Shelby Pierson is a U.S. intelligence officer and the former top election security official of the American intelligence community, the chair of the Election Executive and Leadership Board. Director of National Intelligence Dan Coats instituted the position and appointed Pierson to fill it in July 2019.
The board includes representatives from the intelligence community and other federal agencies coordinating on election security.

== Intelligence career ==
Pierson was crisis manager for election security during the 2018 midterm elections.

She has more than 20 years of intelligence experience, including as national intelligence manager for Russia, Europe and Eurasia, and roles at the National Geospatial-Intelligence Agency.

On August 19, 2025, Pierson was among 37 current and former officials to have their security clearances revoked by the Trump administration. Director of National Intelligence Tulsi Gabbard accused the group of malfeasance without providing evidence. According to The Economist, Pierson was "[one] of the most senior serving career intelligence officials to be purged under Mr Trump," and the purge marked "a sharp escalation in his war on American spooks."

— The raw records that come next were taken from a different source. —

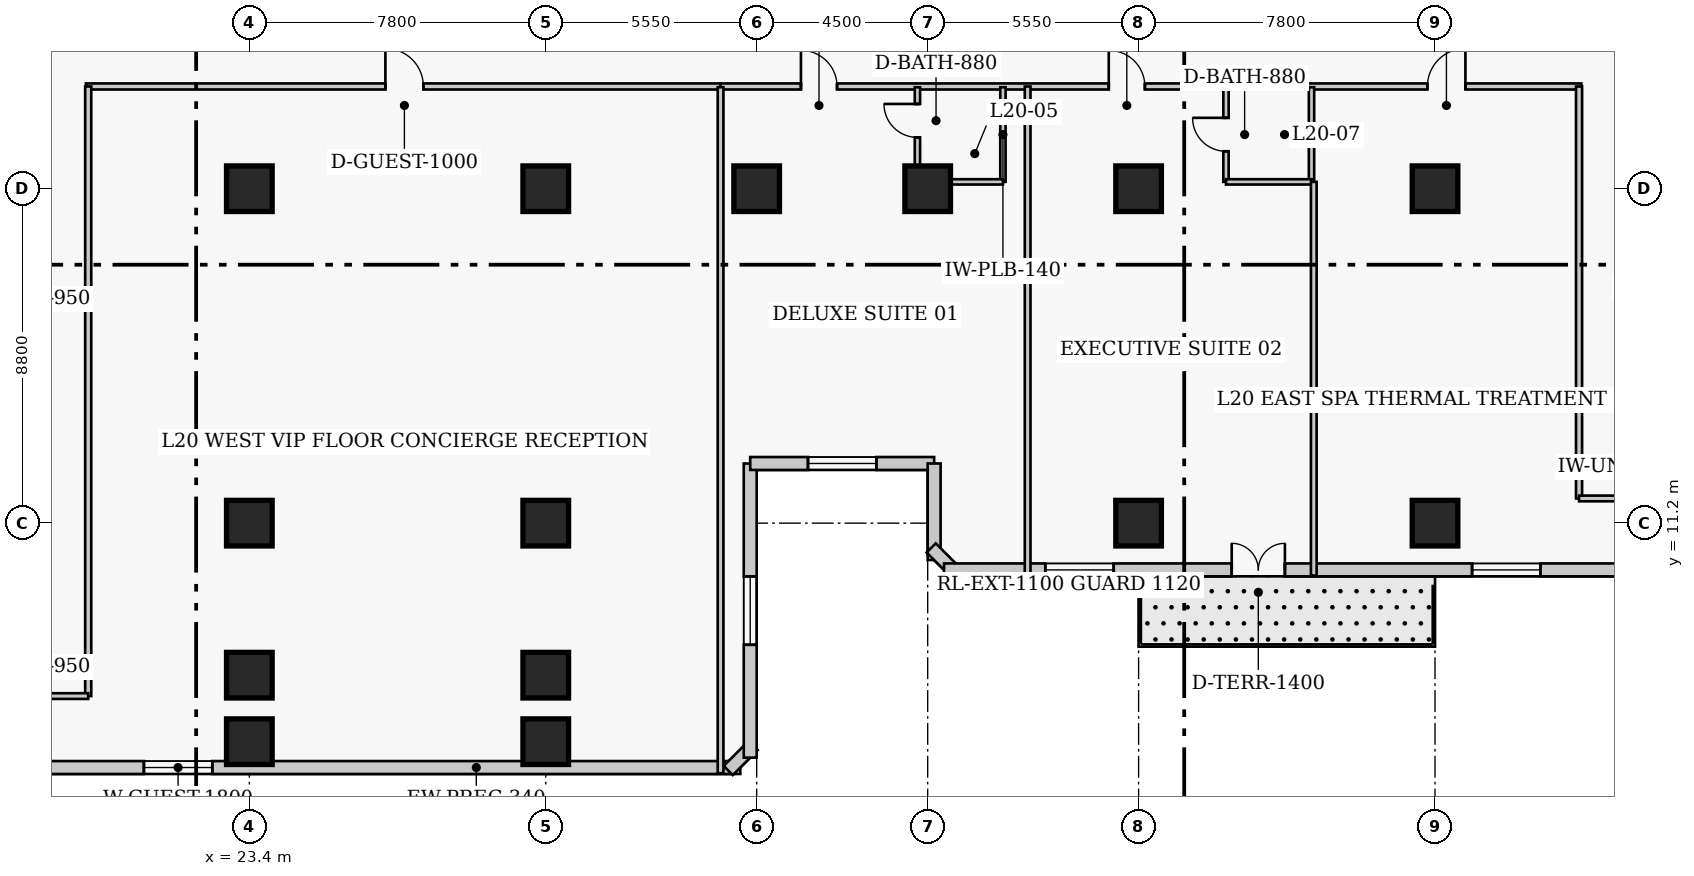
"""IFC4 building model, lengths in metres.
Left out: names, types, materials, properties, quantities, classifications, styles, units other than length and angle.
Written with IfcOpenShell. Run it as: python <this file> out.ifc"""

import sys

from ifc_helpers import new_model, si_unit, direction, frame, frame_2d, origin, origin_2d, place, context, subcontext, project, spatial, rectangle, extrude, element, fill, save


model = new_model("IFC4")
c1 = context("Model", 3, precision=1e-05, world=origin(), true_north=direction((0.0, 1.0)))
c2 = subcontext(c1, "Body", "Model", "MODEL_VIEW")
j1 = project(units=[si_unit("LENGTHUNIT", "METRE"), si_unit("PLANEANGLEUNIT", "RADIAN")], contexts=[c1])
p1 = place(None, origin())
s1 = spatial("IfcSite", under=j1, at=p1, CompositionType="ELEMENT")
p2 = place(p1, origin())
s2 = spatial("IfcBuilding", under=s1, at=p2, CompositionType="ELEMENT")
p3 = place(p2, frame((0.0, 0.0, 84.2)))
s3 = spatial("IfcBuildingStorey", under=s2, at=p3, CompositionType="ELEMENT", Elevation=84.2)
for number, where, z_axis, x_axis in (
    (1, (23.4, 11.2, 0.0), (0.0, 0.0, 1.0), (1.0, 0.0, 0.0)),
    (2, (23.4, 20.0, 0.0), (0.0, 0.0, 1.0), (1.0, 0.0, 0.0)),
    (3, (31.2, 11.2, 0.0), (0.0, 0.0, 1.0), (1.0, 0.0, 0.0)),
    (4, (31.2, 20.0, 0.0), (0.0, 0.0, 1.0), (1.0, 0.0, 0.0)),
    (5, (36.75, 20.0, 0.0), (0.0, 0.0, 1.0), (1.0, 0.0, 0.0)),
    (6, (41.25, 20.0, 0.0), (0.0, 0.0, 1.0), (1.0, 0.0, 0.0)),
    (7, (46.8, 11.2, 0.0), (0.0, 0.0, 1.0), (1.0, 0.0, 0.0)),
    (8, (46.8, 20.0, 0.0), (0.0, 0.0, 1.0), (1.0, 0.0, 0.0)),
    (9, (54.6, 11.2, 0.0), (0.0, 0.0, 1.0), (1.0, 0.0, 0.0)),
    (10, (54.6, 20.0, 0.0), (0.0, 0.0, 1.0), (1.0, 0.0, 0.0)),
    (11, (23.4, 7.2, 0.0), (0.0, 0.0, 1.0), (1.0, 0.0, 0.0)),
    (12, (31.2, 7.2, 0.0), (0.0, 0.0, 1.0), (1.0, 0.0, 0.0)),
    (13, (23.4, 5.45, 0.0), (0.0, 0.0, 1.0), (1.0, 0.0, 0.0)),
    (14, (31.2, 5.45, 0.0), (0.0, 0.0, 1.0), (1.0, 0.0, 0.0)),
):
    element("IfcColumn", number, at=place(p3, frame(where, z_axis=z_axis, x_axis=x_axis)), inside=s3, PredefinedType="COLUMN", context=c2, shape_type="SweptSolid", body=[
        extrude(rectangle(XDim=1.2, YDim=1.2, at=origin_2d()), origin(), (0.0, 0.0, 1.0), 3.8),
    ])
p4 = place(p3, frame((8.03, 4.77, 0.0), z_axis=(0.0, 0.0, 1.0), x_axis=(1.0, 0.0, 0.0)))
e15 = element("IfcWall", 15, at=p4, inside=s3, PredefinedType="SOLIDWALL", context=c2, shape_type="SweptSolid", body=[
    extrude(rectangle(XDim=28.29, YDim=0.34, at=frame_2d((14.145, 0.0))), origin(), (0.0, 0.0, 1.0), 3.54),
])
p5 = place(p4, frame((12.595, 0.0, 0.85)))
e16 = element("IfcOpeningElement", 16, at=p5, cuts=e15, PredefinedType="OPENING", context=c2, shape_type="SweptSolid", body=[
    extrude(rectangle(XDim=1.8, YDim=1.8, at=frame_2d((0.9, 0.9))), frame((0.0, 0.18, 0.0), z_axis=(0.0, -1.0, 0.0), x_axis=(1.0, 0.0, 0.0)), (0.0, 0.0, 1.0), 0.36),
])
p6 = place(p3, frame((36.001, 4.692, 0.0), z_axis=(0.0, 0.0, 1.0), x_axis=(0.707238225886, 0.706975312048, 0.0)))
e17 = element("IfcWall", 17, at=p6, inside=s3, PredefinedType="SOLIDWALL", context=c2, shape_type="SweptSolid", body=[
    extrude(rectangle(XDim=0.929, YDim=0.34, at=frame_2d((0.464, 0.0))), origin(), (0.0, 0.0, 1.0), 3.54),
])
p7 = place(p3, frame((36.58, 5.03, 0.0), z_axis=(0.0, 0.0, 1.0), x_axis=(0.0, 1.0, 0.0)))
e18 = element("IfcWall", 18, at=p7, inside=s3, PredefinedType="SOLIDWALL", context=c2, shape_type="SweptSolid", body=[
    extrude(rectangle(XDim=7.74, YDim=0.34, at=frame_2d((3.87, 0.0))), origin(), (0.0, 0.0, 1.0), 3.54),
])
p8 = place(p7, frame((2.97, 0.0, 0.85)))
e19 = element("IfcOpeningElement", 19, at=p8, cuts=e18, PredefinedType="OPENING", context=c2, shape_type="SweptSolid", body=[
    extrude(rectangle(XDim=1.8, YDim=1.8, at=frame_2d((0.9, 0.9))), frame((0.0, 0.18, 0.0), z_axis=(0.0, -1.0, 0.0), x_axis=(1.0, 0.0, 0.0)), (0.0, 0.0, 1.0), 0.36),
])
p9 = place(p3, frame((36.58, 12.77, 0.0), z_axis=(0.0, 0.0, 1.0), x_axis=(1.0, 0.0, 0.0)))
e20 = element("IfcWall", 20, at=p9, inside=s3, PredefinedType="SOLIDWALL", context=c2, shape_type="SweptSolid", body=[
    extrude(rectangle(XDim=4.84, YDim=0.34, at=frame_2d((2.42, 0.0))), origin(), (0.0, 0.0, 1.0), 3.54),
])
p10 = place(p9, frame((1.52, 0.0, 0.85)))
e21 = element("IfcOpeningElement", 21, at=p10, cuts=e20, PredefinedType="OPENING", context=c2, shape_type="SweptSolid", body=[
    extrude(rectangle(XDim=1.8, YDim=1.8, at=frame_2d((0.9, 0.9))), frame((0.0, 0.18, 0.0), z_axis=(0.0, -1.0, 0.0), x_axis=(1.0, 0.0, 0.0)), (0.0, 0.0, 1.0), 0.36),
])
p11 = place(p3, frame((41.42, 12.77, 0.0), z_axis=(0.0, 0.0, 1.0), x_axis=(0.0, -1.0, 0.0)))
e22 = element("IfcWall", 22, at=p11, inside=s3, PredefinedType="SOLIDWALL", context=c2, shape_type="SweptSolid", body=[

== 2020 election security coordinator ==
Pierson told NPR in January 2020 that election interference "isn't a Russia-only problem" and that "we're still also concerned about China, Iran, non-state actors, 'hacktivists.' And frankly ... even Americans might be looking to undermine confidence in the elections." She said the Russians "are already engaging in influence operations" but "we do not have evidence at this time that our adversaries are directly looking at interfering with vote counts."

To deter election interference, "it's important for us to keep messaging our adversaries that this activity will not be tolerated and there will be consequences," she told NBC News.

=== Russian interference warning ===
Pierson told the House Intelligence Committee on February 13, 2020, that Russia is working to help get Donald Trump re-elected. Later, three other national security officials told CNN that this statement omitted important nuance, and that while Russia was working to interfere with the election, there was not evidence the interference was aimed at re-electing Trump.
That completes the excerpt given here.